More specifically, installing _Meta-port for the FreeBSD Documentation Project_ (textproc/docproj) and attempting `man asciidoctor` : 

```
% pkg install docproj
 <snip>
% pkg info -l rubygem-asciidoctor-2.0.16 | grep man
	/usr/local/lib/ruby/gems/2.7/gems/asciidoctor-2.0.16/lib/asciidoctor/converter/manpage.rb
	/usr/local/lib/ruby/gems/2.7/gems/asciidoctor-2.0.16/man/asciidoctor.1
	/usr/local/lib/ruby/gems/2.7/gems/asciidoctor-2.0.16/man/asciidoctor.adoc
% man asciidoctor
No manual entry for asciidoctor
% man /usr/local/lib/ruby/gems/2.7/gems/asciidoctor-2.0.16/man/asciidoctor.1
<display of asciidoctor man page>
```

(The output of `manpath` does not contain the path for asciidoctor.1 after the installation of textproc/docproj)


----------



## SirDice (Dec 30, 2021)

Those are specific ruby gem man pages.
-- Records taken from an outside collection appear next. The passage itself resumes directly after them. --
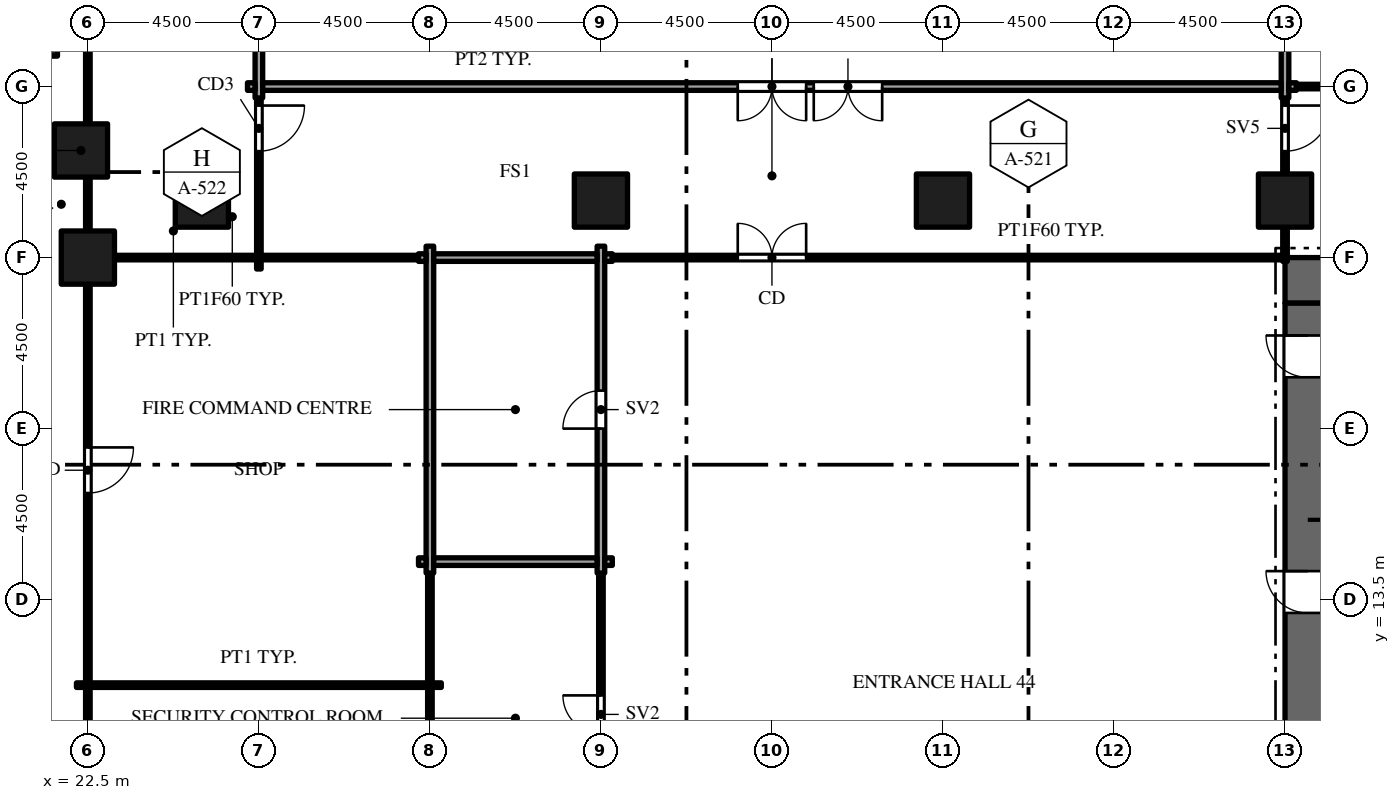
"""IFC4 building model, lengths in metres.
Left out: names, types, materials, properties, quantities, classifications, styles, units other than length and angle.
Written with IfcOpenShell. Run it as: python <this file> out.ifc"""

import sys

from ifc_helpers import new_model, si_unit, direction, frame, frame_2d, origin, origin_2d, place, context, subcontext, project, spatial, rectangle, hollow_rectangle, extrude, element, fill, save


model = new_model("IFC4")
c1 = context("Model", 3, precision=1e-05, world=origin(), true_north=direction((0.0, 1.0)))
c2 = subcontext(c1, "Body", "Model", "MODEL_VIEW")
j1 = project(units=[si_unit("LENGTHUNIT", "METRE"), si_unit("PLANEANGLEUNIT", "RADIAN")], contexts=[c1])
p1 = place(None, origin())
s1 = spatial("IfcSite", under=j1, at=p1, CompositionType="ELEMENT")
p2 = place(p1, origin())
s2 = spatial("IfcBuilding", under=s1, at=p2, CompositionType="ELEMENT")
p3 = place(p2, origin())
s3 = spatial("IfcBuildingStorey", under=s2, at=p3, CompositionType="ELEMENT", Elevation=0.0)
p4 = place(p3, frame((54.0, 21.9, -0.3), z_axis=(0.0, 0.0, 1.0), x_axis=(1.0, 0.0, 0.0)))
e1 = element("IfcWall", 1, at=p4, inside=s3, PredefinedType="SHEAR", context=c2, shape_type="SweptSolid", body=[
    extrude(rectangle(XDim=13.5, YDim=1.2, at=frame_2d((6.75, 0.0))), origin(), (0.0, 0.0, 1.0), 8.15),
])
p5 = place(p3, frame((54.6, 1.2, -0.3), z_axis=(0.0, 0.0, 1.0), x_axis=(0.0, 1.0, 0.0)))
e2 = element("IfcWall", 2, at=p5, inside=s3, PredefinedType="SHEAR", context=c2, shape_type="SweptSolid", body=[
    extrude(rectangle(XDim=20.1, YDim=1.2, at=frame_2d((10.05, 0.0))), origin(), (0.0, 0.0, 1.0), 8.15),
])
p6 = place(p5, frame((5.9, 0.0, 0.3)))
e3 = element("IfcOpeningElement", 3, at=p6, cuts=e2, PredefinedType="OPENING", context=c2, shape_type="SweptSolid", body=[
    extrude(rectangle(XDim=1.8, YDim=2.1, at=frame_2d((0.9, 1.05))), frame((0.0, 0.61, 0.0), z_axis=(0.0, -1.0, 0.0), x_axis=(1.0, 0.0, 0.0)), (0.0, 0.0, 1.0), 1.22),
])
p7 = place(p5, frame((11.95, 0.0, 0.3)))
e4 = element("IfcOpeningElement", 4, at=p7, cuts=e2, PredefinedType="OPENING", context=c2, shape_type="SweptSolid", body=[
    extrude(rectangle(XDim=1.1, YDim=2.1, at=frame_2d((0.55, 1.05))), frame((0.0, 0.61, 0.0), z_axis=(0.0, -1.0, 0.0), x_axis=(1.0, 0.0, 0.0)), (0.0, 0.0, 1.0), 1.22),
])
p8 = place(p5, frame((0.95, 0.0, 0.3)))
e5 = element("IfcOpeningElement", 5, at=p8, cuts=e2, PredefinedType="OPENING", context=c2, shape_type="SweptSolid", body=[
    extrude(rectangle(XDim=1.1, YDim=2.1, at=frame_2d((0.55, 1.05))), frame((0.0, 0.61, 0.0), z_axis=(0.0, -1.0, 0.0), x_axis=(1.0, 0.0, 0.0)), (0.0, 0.0, 1.0), 1.22),
])
p9 = place(p5, frame((18.15, 0.0, 0.3)))
e6 = element("IfcOpeningElement", 6, at=p9, cuts=e2, PredefinedType="OPENING", context=c2, shape_type="SweptSolid", body=[
    extrude(rectangle(XDim=1.1, YDim=2.1, at=frame_2d((0.55, 1.05))), frame((0.0, 0.61, 0.0), z_axis=(0.0, -1.0, 0.0), x_axis=(1.0, 0.0, 0.0)), (0.0, 0.0, 1.0), 1.22),
])
for number, where, z_axis, x_axis in (
    (7, (21.0, 28.5, -0.3), (0.0, 0.0, 1.0), (1.0, 0.0, 0.0)),
    (8, (22.318, 25.318, -0.3), (0.0, 0.0, 1.0), (1.0, 0.0, 0.0)),
    (9, (22.5, 22.5, -0.3), (0.0, 0.0, 1.0), (1.0, 0.0, 0.0)),
    (10, (25.5, 24.0, -0.3), (0.0, 0.0, 1.0), (1.0, 0.0, 0.0)),
    (11, (36.0, 24.0, -0.3), (0.0, 0.0, 1.0), (1.0, 0.0, 0.0)),
    (12, (45.0, 24.0, -0.3), (0.0, 0.0, 1.0), (1.0, 0.0, 0.0)),
    (13, (54.0, 24.0, -0.3), (0.0, 0.0, 1.0), (1.0, 0.0, 0.0)),
):
    element("IfcColumn", number, at=place(p3, frame(where, z_axis=z_axis, x_axis=x_axis)), inside=s3, PredefinedType="COLUMN", context=c2, shape_type="SweptSolid", body=[
        extrude(hollow_rectangle(XDim=1.4, YDim=1.4, WallThickness=0.08, at=origin_2d()), origin(), (0.0, 0.0, 1.0), 8.05),
    ])
p10 = place(p3, frame((22.5, 0.15, 0.0), z_axis=(0.0, 0.0, 1.0), x_axis=(0.0, 1.0, 0.0)))
e14 = element("IfcWall", 14, at=p10, inside=s3, PredefinedType="PARTITIONING", context=c2, shape_type="SweptSolid", body=[
    extrude(rectangle(XDim=32.85, YDim=0.12, at=frame_2d((16.425, 0.0))), origin(), (0.0, 0.0, 1.0), 6.759),
])
p11 = place(p10, frame((5.35, 0.0, 0.0)))
e15 = element("IfcOpeningElement", 15, at=p11, cuts=e14, PredefinedType="OPENING", context=c2, shape_type="SweptSolid", body=[
    extrude(rectangle(XDim=1.2, YDim=2.1, at=frame_2d((0.6, 1.05))), frame((0.0, 0.07, 0.0), z_axis=(0.0, -1.0, 0.0), x_axis=(1.0, 0.0, 0.0)), (0.0, 0.0, 1.0), 0.14),
])
p12 = place(p10, frame((16.155, 0.0, 0.0)))
e16 = element("IfcOpeningElement", 16, at=p12, cuts=e14, PredefinedType="OPENING", context=c2, shape_type="SweptSolid", body=[
    extrude(rectangle(XDim=1.2, YDim=2.1, at=frame_2d((0.6, 1.05))), frame((0.0, 0.07, 0.0), z_axis=(0.0, -1.0, 0.0), x_axis=(1.0, 0.0, 0.0)), (0.0, 0.0, 1.0), 0.14),
])
p13 = place(p10, frame((30.15, 0.0, 0.0)))
e17 = element("IfcOpeningElement", 17, at=p13, cuts=e14, PredefinedType="OPENING", context=c2, shape_type="SweptSolid", body=[
    extrude(rectangle(XDim=1.8, YDim=2.1, at=frame_2d((0.9, 1.05))), frame((0.0, 0.07, 0.0), z_axis=(0.0, -1.0, 0.0), x_axis=(1.0, 0.0, 0.0)), (0.0, 0.0, 1.0), 0.14),
])
p14 = place(p3, frame((27.0, 22.2, 0.0), z_axis=(0.0, 0.0, 1.0), x_axis=(0.0, 1.0, 0.0)))
e18 = element("IfcWall", 18, at=p14, inside=s3, PredefinedType="PARTITIONING", context=c2, shape_type="SweptSolid", body=[
    extrude(rectangle(XDim=4.5, YDim=0.12, at=frame_2d((2.25, 0.0))), origin(), (0.0, 0.0, 1.0), 6.5),
])
p15 = place(p14, frame((3.1, 0.0, 0.0)))
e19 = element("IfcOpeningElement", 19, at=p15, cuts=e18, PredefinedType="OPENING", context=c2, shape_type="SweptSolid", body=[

You're going to need devel/rubygem-manpages for those.


----------



## grahamperrin@ (Dec 30, 2021)

```
% man asciidoctor
No manual entry for asciidoctor
% pkg info --list devel/rubygem-manpages | grep asciidoctor
%
```

<https://www.freebsd.org/cgi/man.cgi?asciidoctor> finds nothing, what am I missing?


----------



## Erichans (Dec 30, 2021)

After installing devel/rubygem-manpages and referencing Installation:

```
% gem install manpages && gem manpages --update-all
Fetching manpages-0.6.1.gem
/usr/local/lib/ruby/site_ruby/2.7/rubygems/package.rb:509: warning: Using the last argument as keyword parameters is deprecated
Successfully installed manpages-0.6.1
Parsing documentation for manpages-0.6.1
Installing ri documentation for manpages-0.6.1
Done installing documentation for manpages after 0 seconds
1 gem installed
Installing man pages for asciidoctor 2.0.16
% man asciidoctor
<displays the man page of asciidoctor>
```

This construction to "link-in" ruby gem manpages is probably also the reason why there isn't a asciidoctor(1) on the FreeBSD man page website.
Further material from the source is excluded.